Book Scanning

I mentioned this on Twitter a couple of times over the past week and it seemed to generate a fair amount of interest. I figured a blog post would clear things up.

A number of months ago, I bought myself a Canon P-150 scanner (Amazon.co.uk) for scanning letters, receipts and so on. I found it rather addictive in a weird sort of way and since then have progressively moved to being completely paperless.

Being Paperless

My paperless workflow isn't that complex, really. It's based on being an Evernote premium subscriber. I scan pieces of paper and I put it in a notebook. For business receipts, I have one notebook for each financial year and a notebook called "Personal Archive" where everything else goes. When I want something, I search for it. It's very Gmail-inspired, and the Gmail approach has worked well for me for years now.

ARCHIVE ALL THE THINGS!

Since I've been on this road, I realised that there's essentially no limit to the stuff I can archive in Evernote in case I ever need it again. It's out of sight and it's retrievable by search. Evernote is increasingly becoming the 'fourth service' behind Twitter, Facebook and Instapaper for apps to share to. Here are some other routes for data into my Evernote.

I already wrote in detail about my Web-to-Evernote workflow. I've been using Pocket recently instead of Instapaper but sharing to Evernote is also supported there, so the workflow still works.
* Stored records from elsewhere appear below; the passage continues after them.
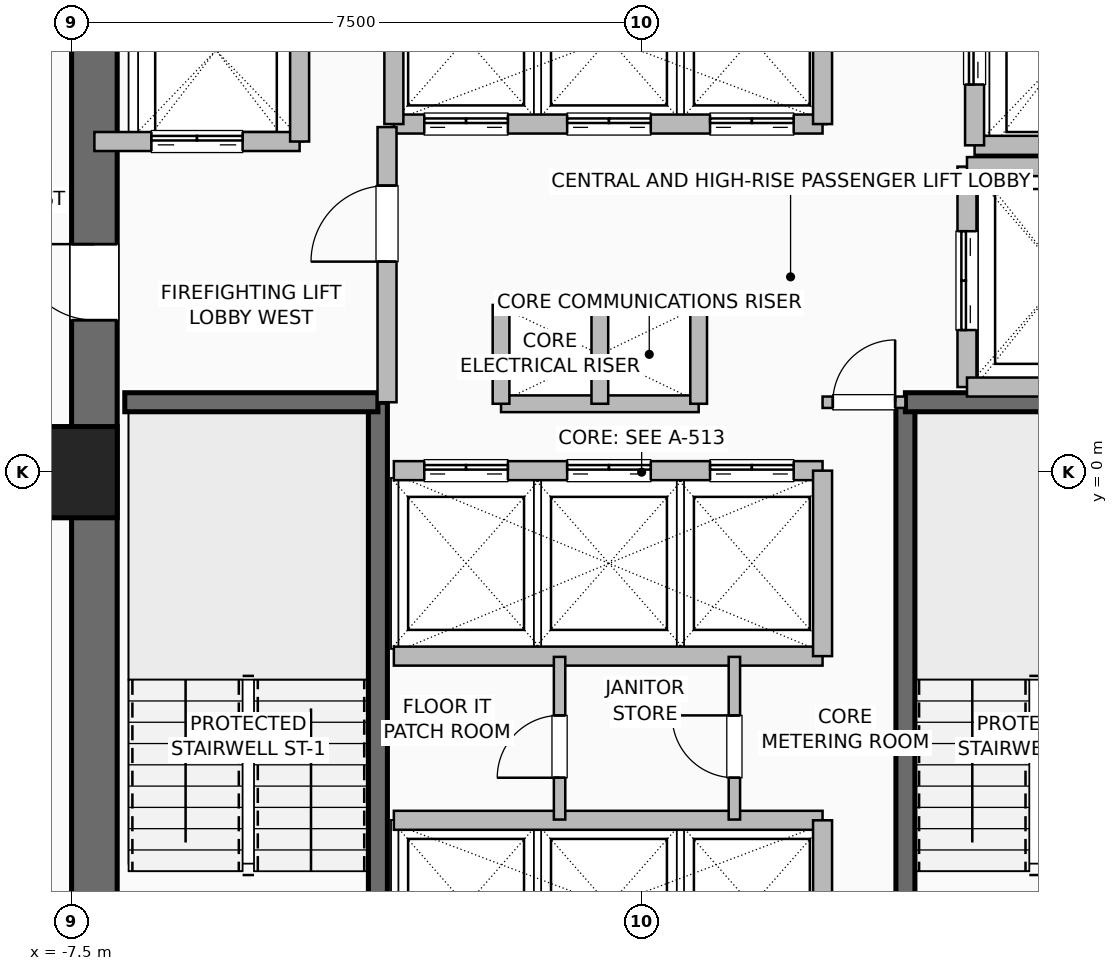
"""IFC4 building model, lengths in metres.
Left out: names, types, materials, properties, quantities, classifications, styles, units other than length and angle.
Written with IfcOpenShell. Run it as: python <this file> out.ifc"""

import sys

from ifc_helpers import new_model, si_unit, direction, frame, frame_2d, origin, origin_2d, place, context, subcontext, project, spatial, rectangle, hollow_rectangle, extrude, element, fill, save


model = new_model("IFC4")
c1 = context("Model", 3, precision=1e-05, world=origin(), true_north=direction((0.0, 1.0)))
c2 = subcontext(c1, "Body", "Model", "MODEL_VIEW")
j1 = project(units=[si_unit("LENGTHUNIT", "METRE"), si_unit("PLANEANGLEUNIT", "RADIAN")], contexts=[c1])
p1 = place(None, origin())
s1 = spatial("IfcSite", under=j1, at=p1, CompositionType="ELEMENT")
p2 = place(p1, origin())
s2 = spatial("IfcBuilding", under=s1, at=p2, CompositionType="ELEMENT")
p3 = place(p2, frame((0.0, 0.0, 48.0)))
s3 = spatial("IfcBuildingStorey", under=s2, at=p3, CompositionType="ELEMENT", Elevation=48.0)
p4 = place(p3, frame((-7.5, 0.0, 0.0), z_axis=(0.0, 0.0, 1.0), x_axis=(1.0, 0.0, 0.0)))
e1 = element("IfcColumn", 1, at=p4, inside=s3, PredefinedType="COLUMN", context=c2, shape_type="SweptSolid", body=[
    extrude(hollow_rectangle(XDim=1.2, YDim=1.2, WallThickness=0.055, at=origin_2d()), origin(), (0.0, 0.0, 1.0), 3.5),
])
p5 = place(p3, frame((-7.2, -7.5, 0.0), z_axis=(0.0, 0.0, 1.0), x_axis=(0.0, 1.0, 0.0)))
e2 = element("IfcWall", 2, at=p5, inside=s3, PredefinedType="SHEAR", context=c2, shape_type="SweptSolid", body=[
    extrude(rectangle(XDim=15.0, YDim=0.6, at=frame_2d((7.5, 0.0))), origin(), (0.0, 0.0, 1.0), 3.25),
])
p6 = place(p5, frame((9.5, 0.0, 0.0)))
e3 = element("IfcOpeningElement", 3, at=p6, cuts=e2, PredefinedType="OPENING", context=c2, shape_type="SweptSolid", body=[
    extrude(rectangle(XDim=1.0, YDim=2.08, at=frame_2d((0.5, 1.04))), frame((0.0, 0.31, 0.0), z_axis=(0.0, -1.0, 0.0), x_axis=(1.0, 0.0, 0.0)), (0.0, 0.0, 1.0), 0.62),
])
p7 = place(p3, frame((-3.47, -6.8, 0.0), z_axis=(0.0, 0.0, 1.0), x_axis=(0.0, 1.0, 0.0)))
e4 = element("IfcWall", 4, at=p7, inside=s3, PredefinedType="SHEAR", context=c2, shape_type="SweptSolid", body=[
    extrude(rectangle(XDim=7.72, YDim=0.25, at=frame_2d((3.86, 0.0))), origin(), (0.0, 0.0, 1.0), 3.25),
])
p8 = place(p3, frame((-6.8, 0.92, 0.0), z_axis=(0.0, 0.0, 1.0), x_axis=(1.0, 0.0, 0.0)))
e5 = element("IfcWall", 5, at=p8, inside=s3, PredefinedType="SHEAR", context=c2, shape_type="SweptSolid", body=[
    extrude(rectangle(XDim=3.33, YDim=0.25, at=frame_2d((1.665, 0.0))), origin(), (0.0, 0.0, 1.0), 3.25),
])
p9 = place(p3, frame((3.47, -6.8, 0.0), z_axis=(0.0, 0.0, 1.0), x_axis=(0.0, 1.0, 0.0)))
e6 = element("IfcWall", 6, at=p9, inside=s3, PredefinedType="SHEAR", context=c2, shape_type="SweptSolid", body=[
    extrude(rectangle(XDim=7.72, YDim=0.25, at=frame_2d((3.86, 0.0))), origin(), (0.0, 0.0, 1.0), 3.25),
])
p10 = place(p3, frame((3.47, 0.92, 0.0), z_axis=(0.0, 0.0, 1.0), x_axis=(1.0, 0.0, 0.0)))
e7 = element("IfcWall", 7, at=p10, inside=s3, PredefinedType="SHEAR", context=c2, shape_type="SweptSolid", body=[
    extrude(rectangle(XDim=3.33, YDim=0.25, at=frame_2d((1.665, 0.0))), origin(), (0.0, 0.0, 1.0), 3.25),
])
for number, where, z_axis, x_axis in (
    (8, (-1.85, 2.2, 0.0), (0.0, 0.0, 1.0), (1.0, 0.0, 0.0)),
    (9, (-1.85, 0.9, 0.0), (0.0, 0.0, 1.0), (1.0, 0.0, 0.0)),
):
    element("IfcWall", number, at=place(p3, frame(where, z_axis=z_axis, x_axis=x_axis)), inside=s3, PredefinedType="PARTITIONING", context=c2, shape_type="SweptSolid", body=[
        extrude(rectangle(XDim=2.6, YDim=0.22, at=frame_2d((1.3, 0.0))), origin(), (0.0, 0.0, 1.0), 3.25),
    ])
for number, where, z_axis, x_axis in (
    (10, (-0.55, 0.9, 0.0), (0.0, 0.0, 1.0), (0.0, 1.0, 0.0)),
    (11, (0.75, 0.9, 0.0), (0.0, 0.0, 1.0), (0.0, 1.0, 0.0)),
    (12, (-1.85, 0.9, 0.0), (0.0, 0.0, 1.0), (0.0, 1.0, 0.0)),
):
    element("IfcWall", number, at=place(p3, frame(where, z_axis=z_axis, x_axis=x_axis)), inside=s3, PredefinedType="PARTITIONING", context=c2, shape_type="SweptSolid", body=[
        extrude(rectangle(XDim=1.3, YDim=0.22, at=frame_2d((0.65, 0.0))), origin(), (0.0, 0.0, 1.0), 3.25),
    ])
p11 = place(p3, frame((-3.26, -4.58, 0.0), z_axis=(0.0, 0.0, 1.0), x_axis=(1.0, 0.0, 0.0)))
e13 = element("IfcWall", 13, at=p11, inside=s3, PredefinedType="SHEAR", context=c2, shape_type="SweptSolid", body=[
    extrude(rectangle(XDim=5.64, YDim=0.25, at=frame_2d((2.82, 0.0))), origin(), (0.0, 0.0, 1.0), 3.25),
])
p12 = place(p3, frame((2.38, -6.8, 0.0), z_axis=(0.0, 0.0, 1.0), x_axis=(0.0, 1.0, 0.0)))
e14 = element("IfcWall", 14, at=p12, inside=s3, PredefinedType="SHEAR", context=c2, shape_type="SweptSolid", body=[
    extrude(rectangle(XDim=2.22, YDim=0.25, at=frame_2d((1.11, 0.0))), origin(), (0.0, 0.0, 1.0), 3.25),
])
p13 = place(p3, frame((-3.26, 0.02, 0.0), z_axis=(0.0, 0.0, 1.0), x_axis=(1.0, 0.0, 0.0)))
e15 = element("IfcWall", 15, at=p13, inside=s3, PredefinedType="SHEAR", context=c2, shape_type="SweptSolid", body=[
    extrude(rectangle(XDim=5.64, YDim=0.25, at=frame_2d((2.82, 0.0))), origin(), (0.0, 0.0, 1.0), 3.25),
])
p14 = place(p13, frame((0.4, 0.0, 0.0)))
e16 = element("IfcOpeningElement", 16, at=p14, cuts=e15, PredefinedType="OPENING", context=c2, shape_type="SweptSolid", body=[
    extrude(rectangle(XDim=1.1, YDim=2.2, at=frame_2d((0.55, 1.1))), frame((0.0, 0.135, 0.0), z_axis=(0.0, -1.0, 0.0), x_axis=(1.0, 0.0, 0.0)), (0.0, 0.0, 1.0), 0.27),
])
p15 = place(p13, frame((2.28, 0.0, 0.0)))
e17 = element("IfcOpeningElement", 17, at=p15, cuts=e15, PredefinedType="OPENING", context=c2, shape_type="SweptSolid", body=[
    extrude(rectangle(XDim=1.1, YDim=2.2, at=frame_2d((0.55, 1.1))), frame((0.0, 0.135, 0.0), z_axis=(0.0, -1.0, 0.0), x_axis=(1.0, 0.0, 0.0)), (0.0, 0.0, 1.0), 0.27),
])
p16 = place(p13, frame((4.16, 0.0, 0.0)))
e18 = element("IfcOpeningElement", 18, at=p16, cuts=e15, PredefinedType="OPENING", context=c2, shape_type="SweptSolid", body=[
    extrude(rectangle(XDim=1.1, YDim=2.2, at=frame_2d((0.55, 1.1))), frame((0.0, 0.135, 0.0), z_axis=(0.0, -1.0, 0.0), x_axis=(1.0, 0.0, 0.0)), (0.0, 0.0, 1.0), 0.27),
])
p17 = place(p3, frame((-3.26, -2.42, 0.0), z_axis=(0.0, 0.0, 1.0), x_axis=(1.0, 0.0, 0.0)))
e19 = element("IfcWall", 19, at=p17, inside=s3, PredefinedType="SHEAR", context=c2, shape_type="SweptSolid", body=[
    extrude(rectangle(XDim=5.64, YDim=0.25, at=frame_2d((2.82, 0.0))), origin(), (0.0, 0.0, 1.0), 3.25),
])
p18 = place(p3, frame((2.38, -2.42, 0.0), z_axis=(0.0, 0.0, 1.0), x_axis=(0.0, 1.0, 0.0)))
e20 = element("IfcWall", 20, at=p18, inside=s3, PredefinedType="SHEAR", context=c2, shape_type="SweptSolid", body=[
    extrude(rectangle(XDim=2.44, YDim=0.25, at=frame_2d((1.22, 0.0))), origin(), (0.0, 0.0, 1.0), 3.25),
])
p19 = place(p3, frame((-3.26, 4.58, 0.0), z_axis=(0.0, 0.0, 1.0), x_axis=(1.0, 0.0, 0.0)))
e21 = element("IfcWall", 21, at=p19, inside=s3, PredefinedType="SHEAR", context=c2, shape_type="SweptSolid", body=[
    extrude(rectangle(XDim=5.64, YDim=0.25, at=frame_2d((2.82, 0.0))), origin(), (0.0, 0.0, 1.0), 3.25),
])
p20 = place(p19, frame((0.4, 0.0, 0.0)))
e22 = element("IfcOpeningElement", 22, at=p20, cuts=e21, PredefinedType="OPENING", context=c2, shape_type="SweptSolid", body=[
    extrude(rectangle(XDim=1.1, YDim=2.2, at=frame_2d((0.55, 1.1))), frame((0.0, 0.135, 0.0), z_axis=(0.0, -1.0, 0.0), x_axis=(1.0, 0.0, 0.0)), (0.0, 0.0, 1.0), 0.27),
])
p21 = place(p19, frame((2.28, 0.0, 0.0)))
e23 = element("IfcOpeningElement", 23, at=p21, cuts=e21, PredefinedType="OPENING", context=c2, shape_type="SweptSolid", body=[
    extrude(rectangle(XDim=1.1, YDim=2.2, at=frame_2d((0.55, 1.1))), frame((0.0, 0.135, 0.0), z_axis=(0.0, -1.0, 0.0), x_axis=(1.0, 0.0, 0.0)), (0.0, 0.0, 1.0), 0.27),
])
p22 = place(p19, frame((4.16, 0.0, 0.0)))
e24 = element("IfcOpeningElement", 24, at=p22, cuts=e21, PredefinedType="OPENING", context=c2, shape_type="SweptSolid", body=[
    extrude(rectangle(XDim=1.1, YDim=2.2, at=frame_2d((0.55, 1.1))), frame((0.0, 0.135, 0.0), z_axis=(0.0, -1.0, 0.0), x_axis=(1.0, 0.0, 0.0)), (0.0, 0.0, 1.0), 0.27),
])
for number, where, z_axis, x_axis in (
    (25, (-3.26, 4.58, 0.0), (0.0, 0.0, 1.0), (0.0, 1.0, 0.0)),
    (26, (2.38, 4.58, 0.0), (0.0, 0.0, 1.0), (0.0, 1.0, 0.0)),
):
    element("IfcWall", number, at=place(p3, frame(where, z_axis=z_axis, x_axis=x_axis)), inside=s3, PredefinedType="SHEAR", context=c2, shape_type="SweptSolid", body=[
        extrude(rectangle(XDim=2.22, YDim=0.25, at=frame_2d((1.11, 0.0))), origin(), (0.0, 0.0, 1.0), 3.25),
    ])
p23 = place(p3, frame((-7.2, 4.35, 0.0), z_axis=(0.0, 0.0, 1.0), x_axis=(1.0, 0.0, 0.0)))
e27 = element("IfcWall", 27, at=p23, inside=s3, PredefinedType="SHEAR", context=c2, shape_type="SweptSolid", body=[
    extrude(rectangle(XDim=2.7, YDim=0.25, at=frame_2d((1.35, 0.0))), origin(), (0.0, 0.0, 1.0), 3.25),
])
p24 = place(p23, frame((0.75, 0.0, 0.0)))
e28 = element("IfcOpeningElement", 28, at=p24, cuts=e27, PredefinedType="OPENING", context=c2, shape_type="SweptSolid", body=[
    extrude(rectangle(XDim=1.2, YDim=2.2, at=frame_2d((0.6, 1.1))), frame((0.0, 0.135, 0.0), z_axis=(0.0, -1.0, 0.0), x_axis=(1.0, 0.0, 0.0)), (0.0, 0.0, 1.0), 0.27),
])
p25 = place(p3, frame((-4.5, 4.35, 0.0), z_axis=(0.0, 0.0, 1.0), x_axis=(0.0, 1.0, 0.0)))
e29 = element("IfcWall", 29, at=p25, inside=s3, PredefinedType="SHEAR", context=c2, shape_type="SweptSolid", body=[
    extrude(rectangle(XDim=2.85, YDim=0.25, at=frame_2d((1.425, 0.0))), origin(), (0.0, 0.0, 1.0), 3.25),
])
p26 = place(p3, frame((4.38, 4.3, 0.0), z_axis=(0.0, 0.0, 1.0), x_axis=(1.0, 0.0, 0.0)))
e30 = element("IfcWall", 30, at=p26, inside=s3, PredefinedType="SHEAR", context=c2, shape_type="SweptSolid", body=[
    extrude(rectangle(XDim=2.42, YDim=0.25, at=frame_2d((1.21, 0.0))), origin(), (0.0, 0.0, 1.0), 3.25),
])
p27 = place(p3, frame((4.38, 4.3, 0.0), z_axis=(0.0, 0.0, 1.0), x_axis=(0.0, 1.0, 0.0)))
e31 = element("IfcWall", 31, at=p27, inside=s3, PredefinedType="SHEAR", context=c2, shape_type="SweptSolid", body=[
    extrude(rectangle(XDim=2.5, YDim=0.25, at=frame_2d((1.25, 0.0))), origin(), (0.0, 0.0, 1.0), 3.25),
])
p28 = place(p27, frame((0.8, 0.0, 0.0)))
e32 = element("IfcOpeningElement", 32, at=p28, cuts=e31, PredefinedType="OPENING", context=c2, shape_type="SweptSolid", body=[
    extrude(rectangle(XDim=1.2, YDim=2.2, at=frame_2d((0.6, 1.1))), frame((0.0, 0.135, 0.0), z_axis=(0.0, -1.0, 0.0), x_axis=(1.0, 0.0, 0.0)), (0.0, 0.0, 1.0), 0.27),
])
p29 = place(p3, frame((4.28, 1.12, 0.0), z_axis=(0.0, 0.0, 1.0), x_axis=(0.0, 1.0, 0.0)))
e33 = element("IfcWall", 33, at=p29, inside=s3, PredefinedType="SHEAR", context=c2, shape_type="SweptSolid", body=[
    extrude(rectangle(XDim=2.9, YDim=0.25, at=frame_2d((1.45, 0.0))), origin(), (0.0, 0.0, 1.0), 3.25),
])
p30 = place(p29, frame((0.75, 0.0, 0.0)))
e34 = element("IfcOpeningElement", 34, at=p30, cuts=e33, PredefinedType="OPENING", context=c2, shape_type="SweptSolid", body=[
    extrude(rectangle(XDim=1.3, YDim=2.3, at=frame_2d((0.65, 1.15))), frame((0.0, 0.135, 0.0), z_axis=(0.0, -1.0, 0.0), x_axis=(1.0, 0.0, 0.0)), (0.0, 0.0, 1.0), 0.27),
])
for number, where, z_axis, x_axis in (
    (35, (4.28, 1.12, 0.0), (0.0, 0.0, 1.0), (1.0, 0.0, 0.0)),
    (36, (4.28, 4.02, 0.0), (0.0, 0.0, 1.0), (1.0, 0.0, 0.0)),
):
    element("IfcWall", number, at=place(p3, frame(where, z_axis=z_axis, x_axis=x_axis)), inside=s3, PredefinedType="SHEAR", context=c2, shape_type="SweptSolid", body=[
        extrude(rectangle(XDim=2.52, YDim=0.25, at=frame_2d((1.26, 0.0))), origin(), (0.0, 0.0, 1.0), 3.25),
    ])
p31 = place(p3, frame((-3.35, 0.92, 0.0), z_axis=(0.0, 0.0, 1.0), x_axis=(0.0, 1.0, 0.0)))
e37 = element("IfcWall", 37, at=p31, inside=s3, PredefinedType="SHEAR", context=c2, shape_type="SweptSolid", body=[
    extrude(rectangle(XDim=3.62, YDim=0.25, at=frame_2d((1.81, 0.0))), origin(), (0.0, 0.0, 1.0), 3.25),
])
p32 = place(p31, frame((1.85, 0.0, 0.0)))
e38 = element("IfcOpeningElement", 38, at=p32, cuts=e37, PredefinedType="OPENING", context=c2, shape_type="SweptSolid", body=[
    extrude(rectangle(XDim=1.0, YDim=2.08, at=frame_2d((0.5, 1.04))), frame((0.0, 0.135, 0.0), z_axis=(0.0, -1.0, 0.0), x_axis=(1.0, 0.0, 0.0)), (0.0, 0.0, 1.0), 0.27),
])
p33 = place(p3, frame((2.38, 0.92, 0.0), z_axis=(0.0, 0.0, 1.0), x_axis=(1.0, 0.0, 0.0)))
e39 = element("IfcWall", 39, at=p33, inside=s3, PredefinedType="PARTITIONING", context=c2, shape_type="SweptSolid", body=[
    extrude(rectangle(XDim=1.09, YDim=0.15, at=frame_2d((0.545, 0.0))), origin(), (0.0, 0.0, 1.0), 3.25),
])
p34 = place(p33, frame((0.135, 0.0, 0.0)))
e40 = element("IfcOpeningElement", 40, at=p34, cuts=e39, PredefinedType="OPENING", context=c2, shape_type="SweptSolid", body=[
    extrude(rectangle(XDim=0.82, YDim=2.05, at=frame_2d((0.41, 1.025))), frame((0.0, 0.085, 0.0), z_axis=(0.0, -1.0, 0.0), x_axis=(1.0, 0.0, 0.0)), (0.0, 0.0, 1.0), 0.17),
])
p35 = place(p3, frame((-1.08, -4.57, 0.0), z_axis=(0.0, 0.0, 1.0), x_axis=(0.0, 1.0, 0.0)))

PDFs that I download in Safari are just opened directly in Evernote.

When I'm on the go, I've come to rely on Readdle's Scanner Pro iPhone app. Scanner Pro can snap a piece of paper, correct the keystoning effect and send the document to Evernote in a few taps. It's how I get rid of paper on the go.

I like Podcasts and, while they're mostly ephemeral, occasionally there are ones that I'll want to keep. I use Instacast on my iPhone to subscribe and listen to podcasts. Instacast supports "Open In" as a mechanism to send the downloaded audio file elsewhere. Opening a large MP3 file in Evernote on iOS just about works. Occasionally, the app will freak out if the file is large. As awesome as Evernote search is, they can't yet index the audio inside an MP3 file. For podcasts, I'll also add the title and episode text to the body of the note.

You Can't Beat the Smell of New Bits

As you probably know if you're a regular reader of this blog, I'm the kind of person who likes to push ideas as far as they can go. So now, I'm thinking: "what if everything went into Evernote?". I'm a big fan of eBooks, having owned a Kindle for many years, so I started wondering whether I could use my scan-to-Evernote workflow to convert my paper books into eBooks.

My first test was with a copy of Ground Control by Anna Minton which, by virtue of a 1-click accident, I had two copies of. I used a Stanley knife to cut the pages out and feed them into the Canon scanner. That worked well enough but the Stanley knife made quite a ragged cut on the binding edge of the paper. As a result, the pages tended to catch on each other and mis-feed through the scanner. This led to the scan taking a while.

My next try was with a copy of Nicholas Negroponte's "Being Digital" (ironically not available on Kindle). This time, I used a modelling scalpel to cut the pages out of the book. This was much more successful in creating a clean cut down the spine of the book. In scanning "Being Digital", I ended up with about three mis-feeds in the entire book.

Because the Canon P-150 scanner is a multi-page feeder scanner that scans both sides in one pass, the process was painless to scan the entire stack of pages. It's not quite as simple as putting the book in the scanner and walking away - the hopper isn't big enough to take the whole book - but it didn't take that long to scan the book in batches of about 25 pages.

The result being that, armed with a £200 scanner, a scalpel and a steel rule, I can turn a book from paper to digital in about 20 minutes. That's a pretty cool capability.

It was not my intent to take a paper book and turn it into a functional ePub file. All I wanted to do was make my book portable and readable on my iPad alongside all my Kindle books. That kind of precision book scanning to extract usable text definitely requires more advanced OCR software than I have at my disposal. Unless the book is absolutely not available digitally, it would probably be a better use of time and money to just re-buy it as an eBook.

The resulting book file was around 40MB in size, scanned at 200dpi. I dropped it in Evernote and synced it to my devices, where I was able to open it in the Kindle app and read it.

Scanned book in Kindle

I have also uploaded a couple of pages from the book to give you an idea of the quality. Download: Being Digital Sample PDF.